Yes. Outlet power is not the issue. I get the same results with regular wall power in my garage and with transformer balanced power in the studio.

Thanks!
 
Something must be different from your working unit obviously... Of course there are ghost voltages but, if your other unit behaves differently, then I'd guess it's something else??

I suppose the voltage you seem to be reading is in the area of say half of  5 volt??? ... Just making silly observations to bump this...

Please let us know how it goes....
 
OK, so this has a transformer balanced output. This means both + and - on the output XLR are floating with respect to ground. So the voltage you measure between either of these and ground is undefined because they are isolated from each other.

Cheers

Ian
 
ruffrecords said:
OK, so this has a transformer balanced output. This means both + and - on the output XLR are floating with respect to ground. So the voltage you measure between either of these and ground is undefined because they are isolated from each other.

Cheers

Ian

I did think that was getting a false reading (or an irrelevant one), but the only reason I would bring this up was that the same measurement on an identical build (or at least as far as I can tell) that is working properly is yielding a far different result. This is what has led me to believe that the difference in said measurements was related to the fact that one is buzzing/humming and the other isn't. If one thing doesn't have any correlation with the other then I'll not reference it in my troubleshooting and look somewhere else. I do appreciate you shedding some light on this matter.

Thanks!

Paul
 
To put this inquiry to rest.

The buzz/hum and difference in behavior are separate issues.
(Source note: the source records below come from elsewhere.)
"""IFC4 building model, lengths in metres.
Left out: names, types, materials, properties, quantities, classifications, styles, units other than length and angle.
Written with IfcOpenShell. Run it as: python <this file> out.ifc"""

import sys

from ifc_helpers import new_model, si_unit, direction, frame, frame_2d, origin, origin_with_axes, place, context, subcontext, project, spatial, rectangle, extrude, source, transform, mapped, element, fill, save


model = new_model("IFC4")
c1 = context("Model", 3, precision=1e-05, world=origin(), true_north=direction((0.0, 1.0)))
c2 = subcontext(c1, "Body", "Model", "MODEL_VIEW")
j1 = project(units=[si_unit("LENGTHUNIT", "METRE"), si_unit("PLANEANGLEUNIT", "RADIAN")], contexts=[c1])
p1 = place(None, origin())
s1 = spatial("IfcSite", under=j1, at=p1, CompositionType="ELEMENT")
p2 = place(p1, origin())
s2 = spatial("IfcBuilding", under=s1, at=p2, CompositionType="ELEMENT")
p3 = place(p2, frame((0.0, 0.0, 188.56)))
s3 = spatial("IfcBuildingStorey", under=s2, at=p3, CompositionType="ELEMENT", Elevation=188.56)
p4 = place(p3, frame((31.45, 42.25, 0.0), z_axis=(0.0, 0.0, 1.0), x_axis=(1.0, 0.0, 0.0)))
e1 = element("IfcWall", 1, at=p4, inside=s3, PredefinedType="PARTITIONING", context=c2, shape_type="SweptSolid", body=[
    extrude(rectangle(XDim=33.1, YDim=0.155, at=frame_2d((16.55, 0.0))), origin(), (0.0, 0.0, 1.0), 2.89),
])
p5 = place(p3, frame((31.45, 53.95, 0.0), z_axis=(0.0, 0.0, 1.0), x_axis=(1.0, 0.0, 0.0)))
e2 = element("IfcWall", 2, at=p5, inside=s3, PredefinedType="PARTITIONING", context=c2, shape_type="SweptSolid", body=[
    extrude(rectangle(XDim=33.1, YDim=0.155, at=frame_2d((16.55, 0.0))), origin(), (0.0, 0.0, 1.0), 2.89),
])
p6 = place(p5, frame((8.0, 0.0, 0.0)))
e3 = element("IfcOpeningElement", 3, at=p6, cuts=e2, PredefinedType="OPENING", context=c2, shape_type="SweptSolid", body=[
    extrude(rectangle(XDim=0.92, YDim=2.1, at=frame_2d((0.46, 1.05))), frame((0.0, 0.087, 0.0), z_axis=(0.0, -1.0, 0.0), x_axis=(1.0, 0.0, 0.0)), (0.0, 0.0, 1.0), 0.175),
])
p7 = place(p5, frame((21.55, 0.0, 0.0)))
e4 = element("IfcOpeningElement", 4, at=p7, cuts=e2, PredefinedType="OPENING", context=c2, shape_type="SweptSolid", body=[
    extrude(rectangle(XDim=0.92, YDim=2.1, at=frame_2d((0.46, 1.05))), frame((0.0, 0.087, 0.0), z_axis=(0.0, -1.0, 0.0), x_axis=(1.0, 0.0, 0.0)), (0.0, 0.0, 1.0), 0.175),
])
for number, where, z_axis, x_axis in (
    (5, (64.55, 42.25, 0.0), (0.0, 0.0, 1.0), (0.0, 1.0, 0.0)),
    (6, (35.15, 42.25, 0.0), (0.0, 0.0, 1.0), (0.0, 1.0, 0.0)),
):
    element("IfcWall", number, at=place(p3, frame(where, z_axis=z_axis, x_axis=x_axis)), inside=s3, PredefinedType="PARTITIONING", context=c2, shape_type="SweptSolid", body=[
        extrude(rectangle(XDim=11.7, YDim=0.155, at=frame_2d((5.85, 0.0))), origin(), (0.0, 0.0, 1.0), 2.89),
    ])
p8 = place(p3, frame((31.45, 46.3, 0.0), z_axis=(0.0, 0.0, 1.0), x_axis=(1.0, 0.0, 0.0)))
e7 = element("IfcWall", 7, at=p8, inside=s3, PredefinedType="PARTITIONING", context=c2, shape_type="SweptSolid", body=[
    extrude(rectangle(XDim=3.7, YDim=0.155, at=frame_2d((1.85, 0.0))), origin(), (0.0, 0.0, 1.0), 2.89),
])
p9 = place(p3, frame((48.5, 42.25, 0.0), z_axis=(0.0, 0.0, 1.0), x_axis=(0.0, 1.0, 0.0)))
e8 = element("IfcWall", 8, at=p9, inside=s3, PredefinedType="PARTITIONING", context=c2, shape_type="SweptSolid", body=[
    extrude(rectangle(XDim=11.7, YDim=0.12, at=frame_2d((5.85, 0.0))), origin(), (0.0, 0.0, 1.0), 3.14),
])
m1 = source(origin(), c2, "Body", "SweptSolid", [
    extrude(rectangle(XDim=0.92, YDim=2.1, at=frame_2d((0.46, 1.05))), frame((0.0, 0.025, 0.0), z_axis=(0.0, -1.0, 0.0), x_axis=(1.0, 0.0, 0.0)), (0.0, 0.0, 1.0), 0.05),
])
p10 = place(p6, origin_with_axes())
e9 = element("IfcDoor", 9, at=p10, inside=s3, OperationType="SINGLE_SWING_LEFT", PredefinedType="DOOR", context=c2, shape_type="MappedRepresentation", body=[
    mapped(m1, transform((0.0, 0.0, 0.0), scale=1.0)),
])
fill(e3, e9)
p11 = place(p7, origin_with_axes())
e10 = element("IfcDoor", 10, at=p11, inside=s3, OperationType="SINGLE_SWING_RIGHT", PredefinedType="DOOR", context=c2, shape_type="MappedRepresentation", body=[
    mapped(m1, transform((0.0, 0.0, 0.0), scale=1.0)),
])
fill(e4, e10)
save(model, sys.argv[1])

The characteristics was due the 6BC8 tubes on the input. Swapped those tubes between units and the compression behavior swapped.

I wound up installing a DC heater circuit in the unit and it is dead quiet. Scary quiet, especially for as many tubes are in this thing. I still don't know or won't ever know why two identically built units had such drastic levels in noise unless there was something going on in the power transformer that I don't have the tools to measure. So mystery not solved but the problem is, which I most always take the latter over the former.

Thanks!

Paul
 
Hi Paul
Most meters are high input Z today. The input is 10 Meg Ohms. I guess that you are measuring the leakage currents.

Put a 1k resistor across the input of your meter and if the voltage goes to zero you are indeed, measuring the leakage current.